Note that both models could be simplified to a
two factor ANOVA model by simply using means
for each dish as replicates within each treatment
and sibship combination. We would end up with
the same SS and F tests as in the factorial part of
the complete analyses. Note also that individuals
within each dish (and replicate measurements on
each individual) simply contribute to the dish
means but make no real contribution to the df for
tests of main effects or their interaction.
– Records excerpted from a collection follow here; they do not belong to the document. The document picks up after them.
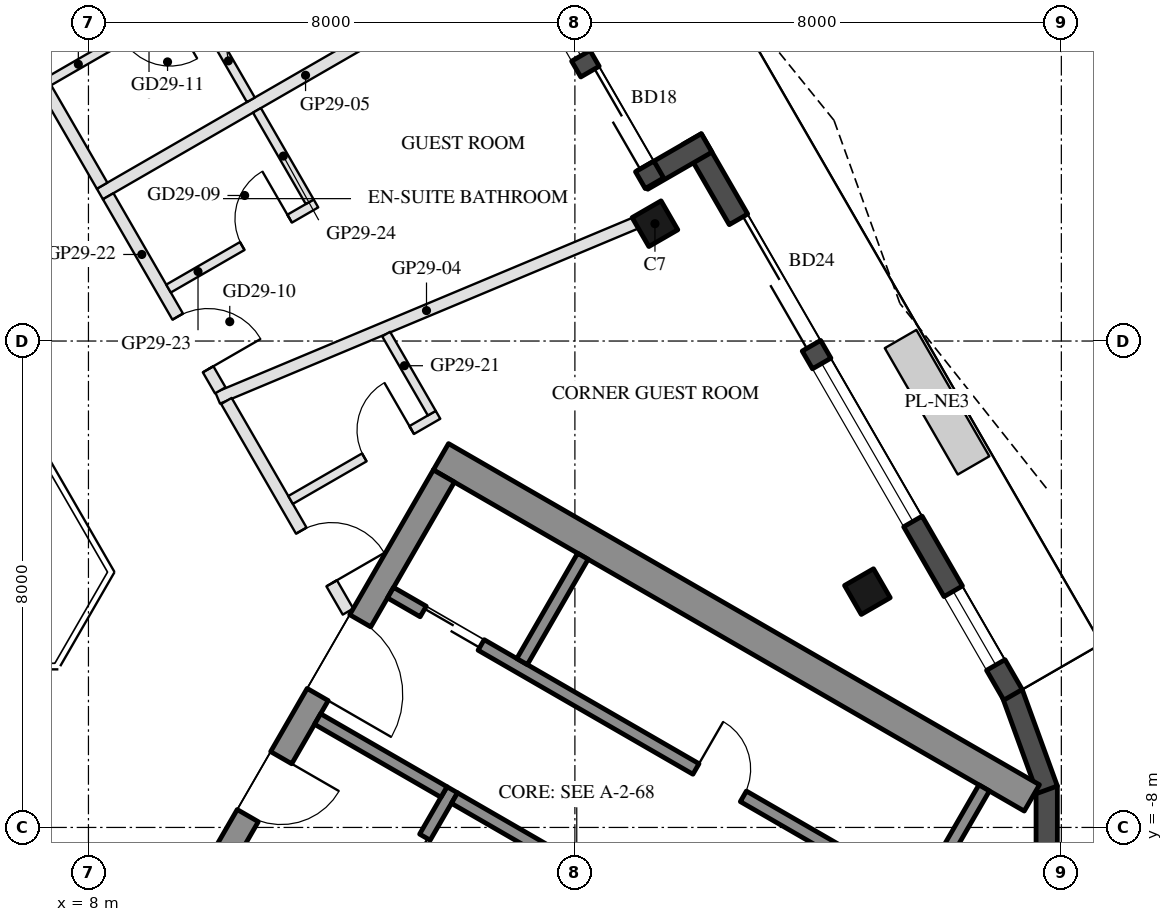
"""IFC4 building model, lengths in metres.
Left out: names, types, materials, properties, quantities, classifications, styles, units other than length and angle.
Written with IfcOpenShell. Run it as: python <this file> out.ifc"""

import sys

from ifc_helpers import new_model, si_unit, direction, frame, frame_2d, origin, origin_2d, place, context, subcontext, project, spatial, rectangle, hollow_rectangle, extrude, boolean, halfspace, element, fill, save


model = new_model("IFC4")
c1 = context("Model", 3, precision=1e-05, world=origin(), true_north=direction((0.0, 1.0)))
c2 = subcontext(c1, "Body", "Model", "MODEL_VIEW")
j1 = project(units=[si_unit("LENGTHUNIT", "METRE"), si_unit("PLANEANGLEUNIT", "RADIAN")], contexts=[c1])
p1 = place(None, origin())
s1 = spatial("IfcSite", under=j1, at=p1, CompositionType="ELEMENT")
p2 = place(p1, origin())
s2 = spatial("IfcBuilding", under=s1, at=p2, CompositionType="ELEMENT")
p3 = place(p2, frame((0.0, 0.0, 294.8)))
s3 = spatial("IfcBuildingStorey", under=s2, at=p3, CompositionType="ELEMENT", Elevation=294.8)
p4 = place(p3, frame((20.81, -4.121, 0.0), z_axis=(0.0, 0.0, 1.0), x_axis=(-0.5, 0.866025403784, 0.0)))
e1 = element("IfcColumn", 1, at=p4, inside=s3, PredefinedType="COLUMN", context=c2, shape_type="SweptSolid", body=[
    boolean("DIFFERENCE", extrude(hollow_rectangle(XDim=0.55, YDim=0.55, WallThickness=0.025, at=origin_2d()), origin(), (0.0, 0.0, 1.0), 3.7), halfspace(frame((0.0, 0.0, 3.66), z_axis=(0.0, 0.0, 1.0), x_axis=(1.0, 0.0, 0.0)), False)),
])
p5 = place(p3, frame((17.317, 1.93, 0.0), z_axis=(0.0, 0.0, 1.0), x_axis=(-0.5, 0.866025403784, 0.0)))
e2 = element("IfcColumn", 2, at=p5, inside=s3, PredefinedType="COLUMN", context=c2, shape_type="SweptSolid", body=[
    boolean("DIFFERENCE", extrude(hollow_rectangle(XDim=0.55, YDim=0.55, WallThickness=0.025, at=origin_2d()), origin(), (0.0, 0.0, 1.0), 3.7), halfspace(frame((0.0, 0.0, 3.666), z_axis=(0.0, 0.0, 1.0), x_axis=(1.0, 0.0, 0.0)), False)),
])
for number, where, z_axis, x_axis in (
    (3, (23.759, -9.008, 0.0), (0.0, 0.0, 1.0), (0.0, 1.0, 0.0)),
    (4, (23.77, -7.379, 0.0), (0.0, 0.0, 1.0), (-0.342, 0.94, 0.0)),
):
    element("IfcWall", number, at=place(p3, frame(where, z_axis=z_axis, x_axis=x_axis)), inside=s3, PredefinedType="SOLIDWALL", context=c2, shape_type="SweptSolid", body=[
        extrude(rectangle(XDim=1.689, YDim=0.35, at=frame_2d((0.845, 0.0))), origin(), (0.0, 0.0, 1.0), 3.55),
    ])
p6 = place(p3, frame((23.205, -5.819, 0.0), z_axis=(0.0, 0.0, 1.0), x_axis=(-0.500010118922, 0.866019561543, 0.0)))
e5 = element("IfcWall", 5, at=p6, inside=s3, PredefinedType="SOLIDWALL", context=c2, shape_type="SweptSolid", body=[
    extrude(rectangle(XDim=10.554, YDim=0.35, at=frame_2d((5.277, 0.0))), origin(), (0.0, 0.0, 1.0), 3.55),
])
p7 = place(p6, frame((0.566, 0.0, 0.3)))
e6 = element("IfcOpeningElement", 6, at=p7, cuts=e5, PredefinedType="OPENING", context=c2, shape_type="SweptSolid", body=[
    extrude(rectangle(XDim=1.4, YDim=2.65, at=frame_2d((0.7, 1.325))), frame((0.0, 0.185, 0.0), z_axis=(0.0, -1.0, 0.0), x_axis=(1.0, 0.0, 0.0)), (0.0, 0.0, 1.0), 0.37),
])
p8 = place(p6, frame((6.63, 0.0, 0.0)))
e7 = element("IfcOpeningElement", 7, at=p8, cuts=e5, PredefinedType="OPENING", context=c2, shape_type="SweptSolid", body=[
    extrude(rectangle(XDim=2.4, YDim=2.4, at=frame_2d((1.2, 1.2))), frame((0.0, 0.185, 0.0), z_axis=(0.0, -1.0, 0.0), x_axis=(1.0, 0.0, 0.0)), (0.0, 0.0, 1.0), 0.37),
])
p9 = place(p6, frame((3.292, 0.0, 0.3)))
e8 = element("IfcOpeningElement", 8, at=p9, cuts=e5, PredefinedType="OPENING", context=c2, shape_type="SweptSolid", body=[
    extrude(rectangle(XDim=3.0, YDim=2.65, at=frame_2d((1.5, 1.325))), frame((0.0, 0.185, 0.0), z_axis=(0.0, -1.0, 0.0), x_axis=(1.0, 0.0, 0.0)), (0.0, 0.0, 1.0), 0.37),
])
p10 = place(p3, frame((18.167, 3.258, 0.0), z_axis=(0.0, 0.0, 1.0), x_axis=(-0.866005645448, -0.500034220881, 0.0)))
e9 = element("IfcWall", 9, at=p10, inside=s3, PredefinedType="SOLIDWALL", context=c2, shape_type="SweptSolid", body=[
    extrude(rectangle(XDim=1.22, YDim=0.35, at=frame_2d((0.61, 0.0))), origin(), (0.0, 0.0, 1.0), 3.55),
])
p11 = place(p3, frame((17.308, 2.595, 0.0), z_axis=(0.0, 0.0, 1.0), x_axis=(-0.500005339912, 0.866022320763, 0.0)))
e10 = element("IfcWall", 10, at=p11, inside=s3, PredefinedType="SOLIDWALL", context=c2, shape_type="SweptSolid", body=[
    extrude(rectangle(XDim=5.827, YDim=0.35, at=frame_2d((2.914, 0.0))), origin(), (0.0, 0.0, 1.0), 3.55),
])
p12 = place(p11, frame((0.32, 0.0, 0.0)))
e11 = element("IfcOpeningElement", 11, at=p12, cuts=e10, PredefinedType="OPENING", context=c2, shape_type="SweptSolid", body=[
    extrude(rectangle(XDim=1.8, YDim=2.4, at=frame_2d((0.9, 1.2))), frame((0.0, 0.185, 0.0), z_axis=(0.0, -1.0, 0.0), x_axis=(1.0, 0.0, 0.0)), (0.0, 0.0, 1.0), 0.37),
])
p13 = place(p11, frame((2.42, 0.0, 0.3)))
e12 = element("IfcOpeningElement", 12, at=p13, cuts=e10, PredefinedType="OPENING", context=c2, shape_type="SweptSolid", body=[
    extrude(rectangle(XDim=1.5, YDim=2.65, at=frame_2d((0.75, 1.325))), frame((0.0, 0.185, 0.0), z_axis=(0.0, -1.0, 0.0), x_axis=(1.0, 0.0, 0.0)), (0.0, 0.0, 1.0), 0.37),
])
p14 = place(p3, frame((13.797, -1.903, 0.0), z_axis=(0.0, 0.0, 1.0), x_axis=(0.866025449148, -0.499999921427, 0.0)))
e13 = element("IfcWall", 13, at=p14, inside=s3, PredefinedType="SHEAR", context=c2, shape_type="SweptSolid", body=[
    extrude(rectangle(XDim=11.222, YDim=0.5, at=frame_2d((5.611, 0.0))), origin(), (0.0, 0.0, 1.0), 3.5),
])
p15 = place(p3, frame((8.845, -10.88, 0.0), z_axis=(0.0, 0.0, 1.0), x_axis=(0.500004234368, 0.866022959057, 0.0)))
e14 = element("IfcWall", 14, at=p15, inside=s3, PredefinedType="SHEAR", context=c2, shape_type="SweptSolid", body=[
    extrude(rectangle(XDim=10.0, YDim=0.4, at=frame_2d((5.0, 0.0))), origin(), (0.0, 0.0, 1.0), 3.5),
])
p16 = place(p15, frame((3.55, 0.0, 0.0)))
e15 = element("IfcOpeningElement", 15, at=p16, cuts=e14, PredefinedType="OPENING", context=c2, shape_type="SweptSolid", body=[
    extrude(rectangle(XDim=1.1, YDim=2.1, at=frame_2d((0.55, 1.05))), frame((0.0, 0.21, 0.0), z_axis=(0.0, -1.0, 0.0), x_axis=(1.0, 0.0, 0.0)), (0.0, 0.0, 1.0), 0.42),
])
p17 = place(p15, frame((5.85, 0.0, 0.0)))
e16 = element("IfcOpeningElement", 16, at=p17, cuts=e14, PredefinedType="OPENING", context=c2, shape_type="SweptSolid", body=[
    extrude(rectangle(XDim=1.4, YDim=2.1, at=frame_2d((0.7, 1.05))), frame((0.0, 0.21, 0.0), z_axis=(0.0, -1.0, 0.0), x_axis=(1.0, 0.0, 0.0)), (0.0, 0.0, 1.0), 0.42),
])
p18 = place(p3, frame((12.583, -9.805, 0.0), z_axis=(0.0, 0.0, 1.0), x_axis=(0.49994636267, 0.866056369097, 0.0)))
e17 = element("IfcWall", 17, at=p18, inside=s3, PredefinedType="SHEAR", context=c2, shape_type="SweptSolid", body=[
    extrude(rectangle(XDim=2.8, YDim=0.2, at=frame_2d((1.4, 0.0))), origin(), (0.0, 0.0, 1.0), 3.5),
])
p19 = place(p18, frame((0.7, 0.0, 0.0)))
e18 = element("IfcOpeningElement", 18, at=p19, cuts=e17, PredefinedType="OPENING", context=c2, shape_type="SweptSolid", body=[
    extrude(rectangle(XDim=1.2, YDim=2.1, at=frame_2d((0.6, 1.05))), frame((0.0, 0.11, 0.0), z_axis=(0.0, -1.0, 0.0), x_axis=(1.0, 0.0, 0.0)), (0.0, 0.0, 1.0), 0.22),
])
p20 = place(p3, frame((11.768, -6.217, 0.0), z_axis=(0.0, 0.0, 1.0), x_axis=(0.866050077142, -0.499957262057, 0.0)))
e19 = element("IfcWall", 19, at=p20, inside=s3, PredefinedType="SHEAR", context=c2, shape_type="SweptSolid", body=[
    extrude(rectangle(XDim=2.4, YDim=0.2, at=frame_2d((1.2, 0.0))), origin(), (0.0, 0.0, 1.0), 3.5),
])
p21 = place(p3, frame((14.02, -7.517, 0.0), z_axis=(0.0, 0.0, 1.0), x_axis=(0.866034573852, -0.49998411664, 0.0)))
e20 = element("IfcWall", 20, at=p21, inside=s3, PredefinedType="SHEAR", context=c2, shape_type="SweptSolid", body=[
    extrude(rectangle(XDim=2.8, YDim=0.2, at=frame_2d((1.4, 0.0))), origin(), (0.0, 0.0, 1.0), 3.5),
])
p22 = place(p3, frame((12.968, -4.138, 0.0), z_axis=(0.0, 0.0, 1.0), x_axis=(0.866028328073, -0.49999493495, 0.0)))
e21 = element("IfcWall", 21, at=p22, inside=s3, PredefinedType="SHEAR", context=c2, shape_type="SweptSolid", body=[
    extrude(rectangle(XDim=10.16, YDim=0.2, at=frame_2d((5.08, 0.0))), origin(), (0.0, 0.0, 1.0), 3.5),
])
p23 = place(p22, frame((0.62, 0.0, 0.0)))
e22 = element("IfcOpeningElement", 22, at=p23, cuts=e21, PredefinedType="OPENING", context=c2, shape_type="SweptSolid", body=[
    extrude(rectangle(XDim=1.1, YDim=2.1, at=frame_2d((0.55, 1.05))), frame((0.0, 0.11, 0.0), z_axis=(0.0, -1.0, 0.0), x_axis=(1.0, 0.0, 0.0)), (0.0, 0.0, 1.0), 0.22),
])
p24 = place(p22, frame((5.8, 0.0, 0.0)))
e23 = element("IfcOpeningElement", 23, at=p24, cuts=e21, PredefinedType="OPENING", context=c2, shape_type="SweptSolid", body=[
    extrude(rectangle(XDim=0.9, YDim=2.1, at=frame_2d((0.45, 1.05))), frame((0.0, 0.11, 0.0), z_axis=(0.0, -1.0, 0.0), x_axis=(1.0, 0.0, 0.0)), (0.0, 0.0, 1.0), 0.22),
])
for number, where, z_axis, x_axis in (
    (24, (15.131, -5.272, 0.0), (0.0, 0.0, 1.0), (0.5, 0.866, 0.0)),
    (25, (21.73, -9.082, 0.0), (0.0, 0.0, 1.0), (0.5, 0.866, 0.0)),
):
    element("IfcWall", number, at=place(p3, frame(where, z_axis=z_axis, x_axis=x_axis)), inside=s3, PredefinedType="SHEAR", context=c2, shape_type="SweptSolid", body=[
        extrude(rectangle(XDim=2.0, YDim=0.2, at=frame_2d((1.0, 0.0))), origin(), (0.0, 0.0, 1.0), 3.5),
    ])
p25 = place(p3, frame((16.994, 1.939, 0.0), z_axis=(0.0, 0.0, 1.0), x_axis=(-0.922394541425, -0.386249025824, 0.0)))
e26 = element("IfcWall", 26, at=p25, inside=s3, PredefinedType="PARTITIONING", context=c2, shape_type="SweptSolid", body=[
    extrude(rectangle(XDim=7.447, YDim=0.2, at=frame_2d((3.723, 0.0))), origin(), (0.0, 0.0, 1.0), 3.05),
])
p26 = place(p3, frame((14.953, 6.324, 0.0), z_axis=(0.0, 0.0, 1.0), x_axis=(-0.866030491634, -0.499991187483, 0.0)))
e27 = element("IfcWall", 27, at=p26, inside=s3, PredefinedType="PARTITIONING", context=c2, shape_type="SweptSolid", body=[
    extrude(rectangle(XDim=7.812, YDim=0.2, at=frame_2d((3.906, 0.0))), origin(), (0.0, 0.0, 1.0), 3.1),
])
p27 = place(p3, frame((10.269, -0.986, 0.0), z_axis=(0.0, 0.0, 1.0), x_axis=(0.50004472278, -0.865999581536, 0.0)))
e28 = element("IfcWall", 28, at=p27, inside=s3, PredefinedType="PARTITIONING", context=c2, shape_type="SweptSolid", body=[
    extrude(rectangle(XDim=4.0, YDim=0.2, at=frame_2d((2.0, 0.0))), origin(), (0.0, 0.0, 1.0), 3.05),
])
p28 = place(p27, frame((2.463, 0.0, 0.0)))
e29 = element("IfcOpeningElement", 29, at=p28, cuts=e28, PredefinedType="OPENING", context=c2, shape_type="SweptSolid", body=[
    extrude(rectangle(XDim=1.0, YDim=2.1, at=frame_2d((0.5, 1.05))), frame((0.0, 0.11, 0.0), z_axis=(0.0, -1.0, 0.0), x_axis=(1.0, 0.0, 0.0)), (0.0, 0.0, 1.0), 0.22),
])
p29 = place(p3, frame((11.324, -2.614, 0.0), z_axis=(0.0, 0.0, 1.0), x_axis=(0.866034573852, 0.49998411664, 0.0)))
e30 = element("IfcWall", 30, at=p29, inside=s3, PredefinedType="PARTITIONING", context=c2, shape_type="SweptSolid", body=[
    extrude(rectangle(XDim=2.8, YDim=0.15, at=frame_2d((1.4, 0.0))), origin(), (0.0, 0.0, 1.0), 3.55),
])
p30 = place(p29, frame((1.4, 0.0, 0.0)))
e31 = element("IfcOpeningElement", 31, at=p30, cuts=e30, PredefinedType="OPENING", context=c2, shape_type="SweptSolid", body=[
    extrude(rectangle(XDim=0.9, YDim=2.1, at=frame_2d((0.45, 1.05))), frame((0.0, 0.085, 0.0), z_axis=(0.0, -1.0, 0.0), x_axis=(1.0, 0.0, 0.0)), (0.0, 0.0, 1.0), 0.17),
])
p31 = place(p3, frame((13.646, -1.187, 0.0), z_axis=(0.0, 0.0, 1.0), x_axis=(-0.499985098601, 0.86603400694, 0.0)))
e32 = element("IfcWall", 32, at=p31, inside=s3, PredefinedType="PARTITIONING", context=c2, shape_type="SweptSolid", body=[
    extrude(rectangle(XDim=1.502, YDim=0.15, at=frame_2d((0.751, 0.0))), origin(), (0.0, 0.0, 1.0), 3.05),
])
p32 = place(p3, frame((8.325, 2.381, 0.0), z_axis=(0.0, 0.0, 1.0), x_axis=(0.499949858301, -0.866054351173, 0.0)))
e33 = element("IfcWall", 33, at=p32, inside=s3, PredefinedType="PARTITIONING", context=c2, shape_type="SweptSolid", body=[
    extrude(rectangle(XDim=3.687, YDim=0.2, at=frame_2d((1.843, 0.0))), origin(), (0.0, 0.0, 1.0), 3.05),
])
p33 = place(p32, frame((2.286, 0.0, 0.0)))
e34 = element("IfcOpeningElement", 34, at=p33, cuts=e33, PredefinedType="OPENING", context=c2, shape_type="SweptSolid", body=[
    extrude(rectangle(XDim=1.0, YDim=2.1, at=frame_2d((0.5, 1.05))), frame((0.0, 0.11, 0.0), z_axis=(0.0, -1.0, 0.0), x_axis=(1.0, 0.0, 0.0)), (0.0, 0.0, 1.0), 0.22),
])
p34 = place(p3, frame((9.317, 0.863, 0.0), z_axis=(0.0, 0.0, 1.0), x_axis=(0.865996816683, 0.500049511043, 0.0)))
e35 = element("IfcWall", 35, at=p34, inside=s3, PredefinedType="PARTITIONING", context=c2, shape_type="SweptSolid", body=[
    extrude(rectangle(XDim=2.8, YDim=0.15, at=frame_2d((1.4, 0.0))), origin(), (0.0, 0.0, 1.0), 3.55),
])
p35 = place(p34, frame((1.4, 0.0, 0.0)))
e36 = element("IfcOpeningElement", 36, at=p35, cuts=e35, PredefinedType="OPENING", context=c2, shape_type="SweptSolid", body=[
    extrude(rectangle(XDim=0.9, YDim=2.1, at=frame_2d((0.45, 1.05))), frame((0.0, 0.085, 0.0), z_axis=(0.0, -1.0, 0.0), x_axis=(1.0, 0.0, 0.0)), (0.0, 0.0, 1.0), 0.17),
])
p36 = place(p3, frame((11.639, 2.29, 0.0), z_axis=(0.0, 0.0, 1.0), x_axis=(-0.500115958453, 0.865958444789, 0.0)))
e37 = element("IfcWall", 37, at=p36, inside=s3, PredefinedType="PARTITIONING", context=c2, shape_type="SweptSolid", body=[
    extrude(rectangle(XDim=1.736, YDim=0.15, at=frame_2d((0.868, 0.0))), origin(), (0.0, 0.0, 1.0), 3.05),
])
p37 = place(p3, frame((2.281, 12.85, 0.0), z_axis=(0.0, 0.0, 1.0), x_axis=(0.500002143212, -0.866024166397, 0.0)))
e38 = element("IfcWall", 38, at=p37, inside=s3, PredefinedType="PARTITIONING", context=c2, shape_type="SweptSolid", body=[
    extrude(rectangle(XDim=11.888, YDim=0.2, at=frame_2d((5.944, 0.0))), origin(), (0.0, 0.0, 1.0), 3.05),
])
p38 = place(p37, frame((8.438, 0.0, 0.0)))
e39 = element("IfcOpeningElement", 39, at=p38, cuts=e38, PredefinedType="OPENING", context=c2, shape_type="SweptSolid", body=[
    extrude(rectangle(XDim=1.0, YDim=2.1, at=frame_2d((0.5, 1.05))), frame((0.0, 0.11, 0.0), z_axis=(0.0, -1.0, 0.0), x_axis=(1.0, 0.0, 0.0)), (0.0, 0.0, 1.0), 0.22),
])
p39 = place(p3, frame((9.774, 5.672, 0.0), z_axis=(0.0, 0.0, 1.0), x_axis=(-0.866056369097, -0.49994636267, 0.0)))
e40 = element("IfcWall", 40, at=p39, inside=s3, PredefinedType="PARTITIONING", context=c2, shape_type="SweptSolid", body=[
    extrude(rectangle(XDim=2.8, YDim=0.15, at=frame_2d((1.4, 0.0))), origin(), (0.0, 0.0, 1.0), 3.05),
])
p40 = place(p39, frame((0.5, 0.0, 0.0)))
e41 = element("IfcOpeningElement", 41, at=p40, cuts=e40, PredefinedType="OPENING", context=c2, shape_type="SweptSolid", body=[
    extrude(rectangle(XDim=0.9, YDim=2.1, at=frame_2d((0.45, 1.05))), frame((0.0, 0.085, 0.0), z_axis=(0.0, -1.0, 0.0), x_axis=(1.0, 0.0, 0.0)), (0.0, 0.0, 1.0), 0.17),
])
p41 = place(p3, frame((10.671, 3.967, 0.0), z_axis=(0.0, 0.0, 1.0), x_axis=(-0.500042316284, 0.866000971088, 0.0)))
e42 = element("IfcWall", 42, at=p41, inside=s3, PredefinedType="PARTITIONING", context=c2, shape_type="SweptSolid", body=[
    extrude(rectangle(XDim=1.85, YDim=0.15, at=frame_2d((0.925, 0.0))), origin(), (0.0, 0.0, 1.0), 3.05),
])
p42 = place(p7, origin())
e43 = element("IfcWindow", 43, at=p42, inside=s3, PartitioningType="SINGLE_PANEL", PredefinedType="WINDOW", context=c2, shape_type="SweptSolid", body=[
    extrude(rectangle(XDim=1.4, YDim=2.65, at=frame_2d((0.7, 1.325))), frame((0.0, 0.03, 0.0), z_axis=(0.0, -1.0, 0.0), x_axis=(1.0, 0.0, 0.0)), (0.0, 0.0, 1.0), 0.06),
])
fill(e6, e43)
p43 = place(p8, frame((2.4, 0.0, 0.0), z_axis=(0.0, 0.0, 1.0), x_axis=(-1.0, 0.0, 0.0)))
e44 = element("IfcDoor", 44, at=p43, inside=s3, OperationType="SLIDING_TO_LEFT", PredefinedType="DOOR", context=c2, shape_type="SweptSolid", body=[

Power for
the tests of sibship and the treatment by sibship
interaction could only be improved by increasing
the number of dishes and for the test of treatment
by increasing the number of sibships.

Some designs require models with more
complex mixtures of nested and crossed factors.
For example, factor B might be nested within factor

A but crossed with factor C. These partly nested
linear models will be examined in Chapter 12.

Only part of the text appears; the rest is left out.